Нетерпение сердца - Страница 14


К оглавлению

14

«Галопом! Галопом!» И вот уже светлеет взор, обостряются чувства, а за спиной слышится ритмичное позвякивание сабель, шумное и прерывистое дыхание лошадей, мягкое поскрипывание седел и ровная дробь копыт. Словно огромный кентавр, стремительно мчится эта слившаяся в едином порыве группа людей и коней. Вперед, вперед, вперед, галопом, галопом, галопом! Вот так бы скакать и скакать, на край света! С тайной гордостью повелителя и творца этого наслаждения я время от времени оборачиваюсь, чтобы взглянуть на своих людей. И внезапно замечаю, что у моих славных улан уже совсем другие лица. Гнетущая гуцульская подавленность, отупелость, сон — все это смыто с их лиц, как копоть. Почувствовав, что на них смотрят, они еще больше выпрямляются и отвечают улыбкой на мой радостный взгляд. Я вижу, что даже эти забитые крестьянские парни охвачены восторгом стремительного движения — вот-вот взлетят! Как и меня, их пьянит животная радость от ощущения молодости, от избытка рвущихся на волю сил.

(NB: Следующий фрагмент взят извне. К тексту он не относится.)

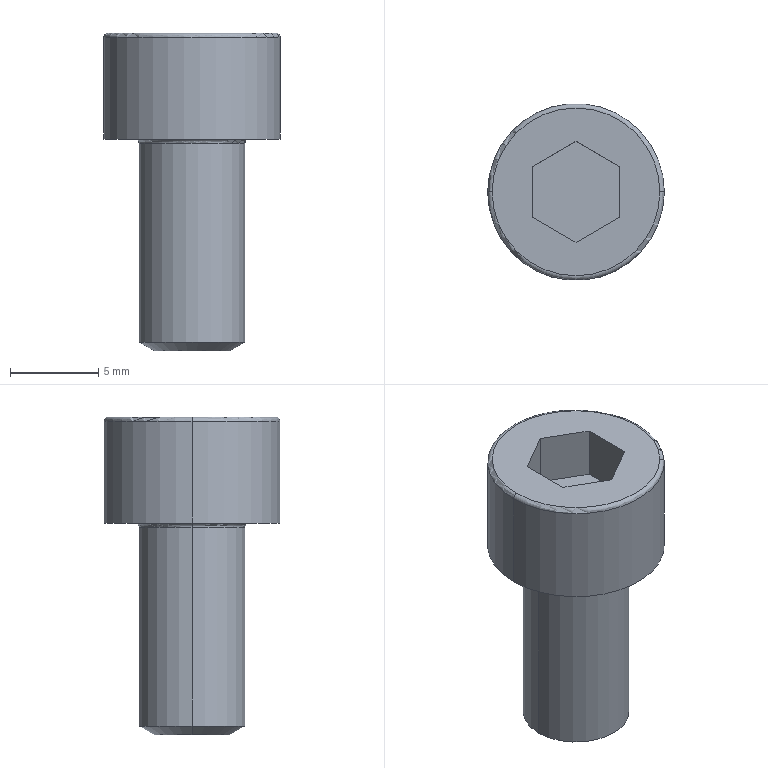Component | NX | SHCS_M6X12 | 1 solid | 20 faces | volume 743 mm3 | plane 10 | torus 4 | cylinder 4 | cone 2 | commonest cylinder face diameters 10 x2 6 x2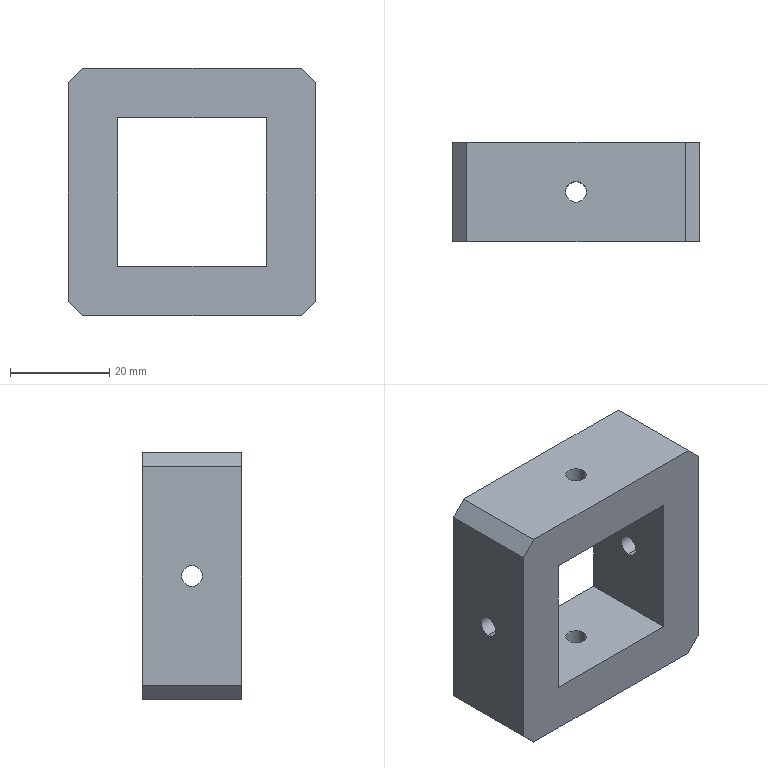Component | SolidWorks | LimitingBlock-1 | 1 solid | 22 faces | box 50 x 20 x 50 mm | volume 31086 mm3 | plane 14 | cylinder 8 | commonest cylinder face diameters 4.2 x8
build123d program:
from build123d import *

# Parameters (mm, degrees)
SKETCH1_W           = 50
SKETCH1_H           = 50
SKETCH1_W_2         = 30
SKETCH1_H_2         = 30
BOSS_EXTRUDE1_DEPTH = 20
CIRPATTERN1_COUNT   = 4
CHAMFER1_SIZE       = 3


with BuildPart() as part:
    # Sketch1 → Boss-Extrude1 (new body)
    with BuildSketch(Plane(origin=(0, 0, 0), x_dir=(1, 0, 0), z_dir=(0, 1, 0))):
        Rectangle(SKETCH1_W, SKETCH1_H)
        Rectangle(SKETCH1_W_2, SKETCH1_H_2, mode=Mode.SUBTRACT)
    extrude(amount=BOSS_EXTRUDE1_DEPTH)

    # Sketch3 → M5 Tapped Hole1 (revolve, cut)
    with BuildSketch(Plane(origin=(0, 10, -25), x_dir=(0, 1, 0), z_dir=(1, 0, 0))):
        Polygon((0, 0), (0, 13.662), (2.1, 12.4), (2.1, 0), align=None)
    m5_tapped_hole1 = revolve(axis=Axis((0, 10, -31.35), (0, 0, 1)), mode=Mode.SUBTRACT)

    # CirPattern1: M5 Tapped Hole1 ×4 about axis
    cirpattern1_axis = Axis((0, 0, 0), (0, 1, 0))
    for i in range(1, CIRPATTERN1_COUNT):
        add(m5_tapped_hole1.rotate(cirpattern1_axis, i * 360 / CIRPATTERN1_COUNT), mode=Mode.SUBTRACT)

    # Chamfer1
    chamfer1_edges = [part.edges().sort_by_distance(p)[0] for p in [
        (-25, 10, -25),
        (25, 10, -25),
        (25, 10, 25),
        (-25, 10, 25),
    ]]
    chamfer(chamfer1_edges, length=CHAMFER1_SIZE)


solid = part.part

# Placed as in the assembly
solid = solid.moved(Location((-29.507, 6.589, 458), (0, 0, 0)))
STEP:
#1=COLOUR_RGB('',0.7922,0.8196,0.9333);
#2=FILL_AREA_STYLE_COLOUR('',#1);
#3=FILL_AREA_STYLE('',(#2));
#4=SURFACE_STYLE_FILL_AREA(#3);
#5=SURFACE_SIDE_STYLE('',(#4));
#6=SURFACE_STYLE_USAGE(.BOTH.,#5);
#7=PRESENTATION_STYLE_ASSIGNMENT((#6));
#8=CARTESIAN_POINT('',(-0.5711,0.6531,17.949));
#9=VERTEX_POINT('',#8);
#10=CARTESIAN_POINT('',(-0.5711,0.6531,18.114));
#11=VERTEX_POINT('',#10);
#12=CARTESIAN_POINT('',(-0.5711,0.6531,18.031));
#13=DIRECTION('',(-1.,0.,0.));
#14=DIRECTION('',(0.,0.,1.));
#15=AXIS2_PLACEMENT_3D('',#12,#13,#14);
#16=CIRCLE('',#15,0.08268);
#17=EDGE_CURVE('',#9,#11,#16,.T.);
#18=ORIENTED_EDGE('',*,*,#17,.T.);
#19=CARTESIAN_POINT('',(-0.1774,0.6531,18.114));
#20=VERTEX_POINT('',#19);
#21=CARTESIAN_POINT('',(-0.1774,0.6531,18.114));
#22=DIRECTION('',(1.,0.,-0.));
#23=VECTOR('',#22,39.37);
#24=LINE('',#21,#23);
#25=EDGE_CURVE('',#11,#20,#24,.T.);
#26=ORIENTED_EDGE('',*,*,#25,.T.);
#27=CARTESIAN_POINT('',(-0.1774,0.6531,17.949));
#28=VERTEX_POINT('',#27);
#29=CARTESIAN_POINT('',(-0.1774,0.6531,18.031));
#30=DIRECTION('',(1.,0.,-0.));
#31=DIRECTION('',(-0.,0.,-1.));
#32=AXIS2_PLACEMENT_3D('',#29,#30,#31);
#33=CIRCLE('',#32,0.08268);
#34=EDGE_CURVE('',#20,#28,#33,.T.);
#35=ORIENTED_EDGE('',*,*,#34,.T.);
#36=CARTESIAN_POINT('',(-0.1774,0.6531,17.949));
#37=DIRECTION('',(1.,0.,-0.));
#38=VECTOR('',#37,39.37);
#39=LINE('',#36,#38);
#40=EDGE_CURVE('',#9,#28,#39,.T.);
#41=ORIENTED_EDGE('',*,*,#40,.F.);
#42=EDGE_LOOP('',(#18,#26,#35,#41));
#43=FACE_OUTER_BOUND('',#42,.T.);
#44=CARTESIAN_POINT('',(-0.1774,0.6531,18.031));
#45=DIRECTION('',(1.,0.,-0.));
#46=DIRECTION('',(-0.,0.,-1.));
#47=AXIS2_PLACEMENT_3D('',#44,#45,#46);
#48=CYLINDRICAL_SURFACE('',#47,0.08268);
#49=ADVANCED_FACE('',(#43),#48,.F.);
#50=CARTESIAN_POINT('',(-1.079,0.6531,18.622));
#51=VERTEX_POINT('',#50);
#52=CARTESIAN_POINT('',(-1.244,0.6531,18.622));
#53=VERTEX_POINT('',#52);
#54=CARTESIAN_POINT('',(-1.162,0.6531,18.622));
#55=DIRECTION('',(0.,0.,-1.));
#56=DIRECTION('',(-1.,0.,0.));
#57=AXIS2_PLACEMENT_3D('',#54,#55,#56);
#58=CIRCLE('',#57,0.08268);
#59=EDGE_CURVE('',#51,#53,#58,.T.);
#60=ORIENTED_EDGE('',*,*,#59,.T.);
#61=CARTESIAN_POINT('',(-1.244,0.6531,19.016));
#62=VERTEX_POINT('',#61);
#63=CARTESIAN_POINT('',(-1.244,0.6531,19.016));
#64=DIRECTION('',(0.,0.,1.));
#65=VECTOR('',#64,39.37);
#66=LINE('',#63,#65);
#67=EDGE_CURVE('',#53,#62,#66,.T.);
#68=ORIENTED_EDGE('',*,*,#67,.T.);
#69=CARTESIAN_POINT('',(-1.079,0.6531,19.016));
#70=VERTEX_POINT('',#69);
#71=CARTESIAN_POINT('',(-1.162,0.6531,19.016));
#72=DIRECTION('',(0.,0.,1.));
#73=DIRECTION('',(1.,0.,0.));
#74=AXIS2_PLACEMENT_3D('',#71,#72,#73);
#75=CIRCLE('',#74,0.08268);
#76=EDGE_CURVE('',#62,#70,#75,.T.);
#77=ORIENTED_EDGE('',*,*,#76,.T.);
#78=CARTESIAN_POINT('',(-1.079,0.6531,19.016));
#79=DIRECTION('',(0.,0.,1.));
#80=VECTOR('',#79,39.37);
#81=LINE('',#78,#80);
#82=EDGE_CURVE('',#51,#70,#81,.T.);
#83=ORIENTED_EDGE('',*,*,#82,.F.);
#84=EDGE_LOOP('',(#60,#68,#77,#83));
#85=FACE_OUTER_BOUND('',#84,.T.);
#86=CARTESIAN_POINT('',(-1.162,0.6531,19.016));
#87=DIRECTION('',(0.,0.,1.));
#88=DIRECTION('',(1.,0.,0.));
#89=AXIS2_PLACEMENT_3D('',#86,#87,#88);
#90=CYLINDRICAL_SURFACE('',#89,0.08268);
#91=ADVANCED_FACE('',(#85),#90,.F.);
#92=CARTESIAN_POINT('',(-1.752,0.6531,18.114));
#93=VERTEX_POINT('',#92);
#94=CARTESIAN_POINT('',(-1.752,0.6531,17.949));
#95=VERTEX_POINT('',#94);
#96=CARTESIAN_POINT('',(-1.752,0.6531,18.031));
#97=DIRECTION('',(1.,0.,-0.));
#98=DIRECTION('',(0.,0.,-1.));
#99=AXIS2_PLACEMENT_3D('',#96,#97,#98);
#100=CIRCLE('',#99,0.08268);
#101=EDGE_CURVE('',#93,#95,#100,.T.);
#102=ORIENTED_EDGE('',*,*,#101,.T.);
#103=CARTESIAN_POINT('',(-2.146,0.6531,17.949));
#104=VERTEX_POINT('',#103);
#105=CARTESIAN_POINT('',(-2.146,0.6531,17.949));
#106=DIRECTION('',(-1.,0.,0.));
#107=VECTOR('',#106,39.37);
#108=LINE('',#105,#107);
#109=EDGE_CURVE('',#95,#104,#108,.T.);
#110=ORIENTED_EDGE('',*,*,#109,.T.);
#111=CARTESIAN_POINT('',(-2.146,0.6531,18.114));
#112=VERTEX_POINT('',#111);
#113=CARTESIAN_POINT('',(-2.146,0.6531,18.031));
#114=DIRECTION('',(-1.,0.,0.));
#115=DIRECTION('',(0.,0.,1.));
#116=AXIS2_PLACEMENT_3D('',#113,#114,#115);
#117=CIRCLE('',#116,0.08268);
#118=EDGE_CURVE('',#104,#112,#117,.T.);
#119=ORIENTED_EDGE('',*,*,#118,.T.);
#120=CARTESIAN_POINT('',(-2.146,0.6531,18.114));
#121=DIRECTION('',(-1.,0.,0.));
#122=VECTOR('',#121,39.37);
#123=LINE('',#120,#122);
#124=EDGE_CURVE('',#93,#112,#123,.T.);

И вдруг я отдаю команду: «Сто-о-ой! Ры-ысь-ю!» Все разом натягивают поводья, и взвод, затормозив, точно автомобиль, переходит на тяжелый аллюр. Люди косятся на меня чуть озадаченно: ведь обычно — они знают меня и мою неукротимую страсть к скачке — мы галопом промахивали луга до самого плаца. Но в этот раз словно чья-то невидимая рука рванула мои поводья — я неожиданно о чем-то вспомнил. Слева на горизонте мой взгляд, должно быть, случайно, уловил белый квадрат усадебной ограды, деревья парка, башню, и, точно пуля, меня пронзила мысль: «А что, если кто-то смотрит на тебя оттуда? Кто-то, кого ты оскорбил своей страстью к танцам, а теперь снова оскорбляешь страстью к верховой езде? Кто-то со скованными параличом ногами, кому, наверное, завидно глядеть, как ты птицей летишь по полям?» Так или иначе, мне вдруг стало стыдно этой скачки, такой безудержной, здоровой и хмельной, стыдно этой откровенной физической радости, словно какой-то незаслуженной привилегии. Разочарованные, медленной тяжелой рысью трусят за мной уланы. Напрасно ждут они — я чувствую это спиной — команды, которая вернет им прежнее воодушевление.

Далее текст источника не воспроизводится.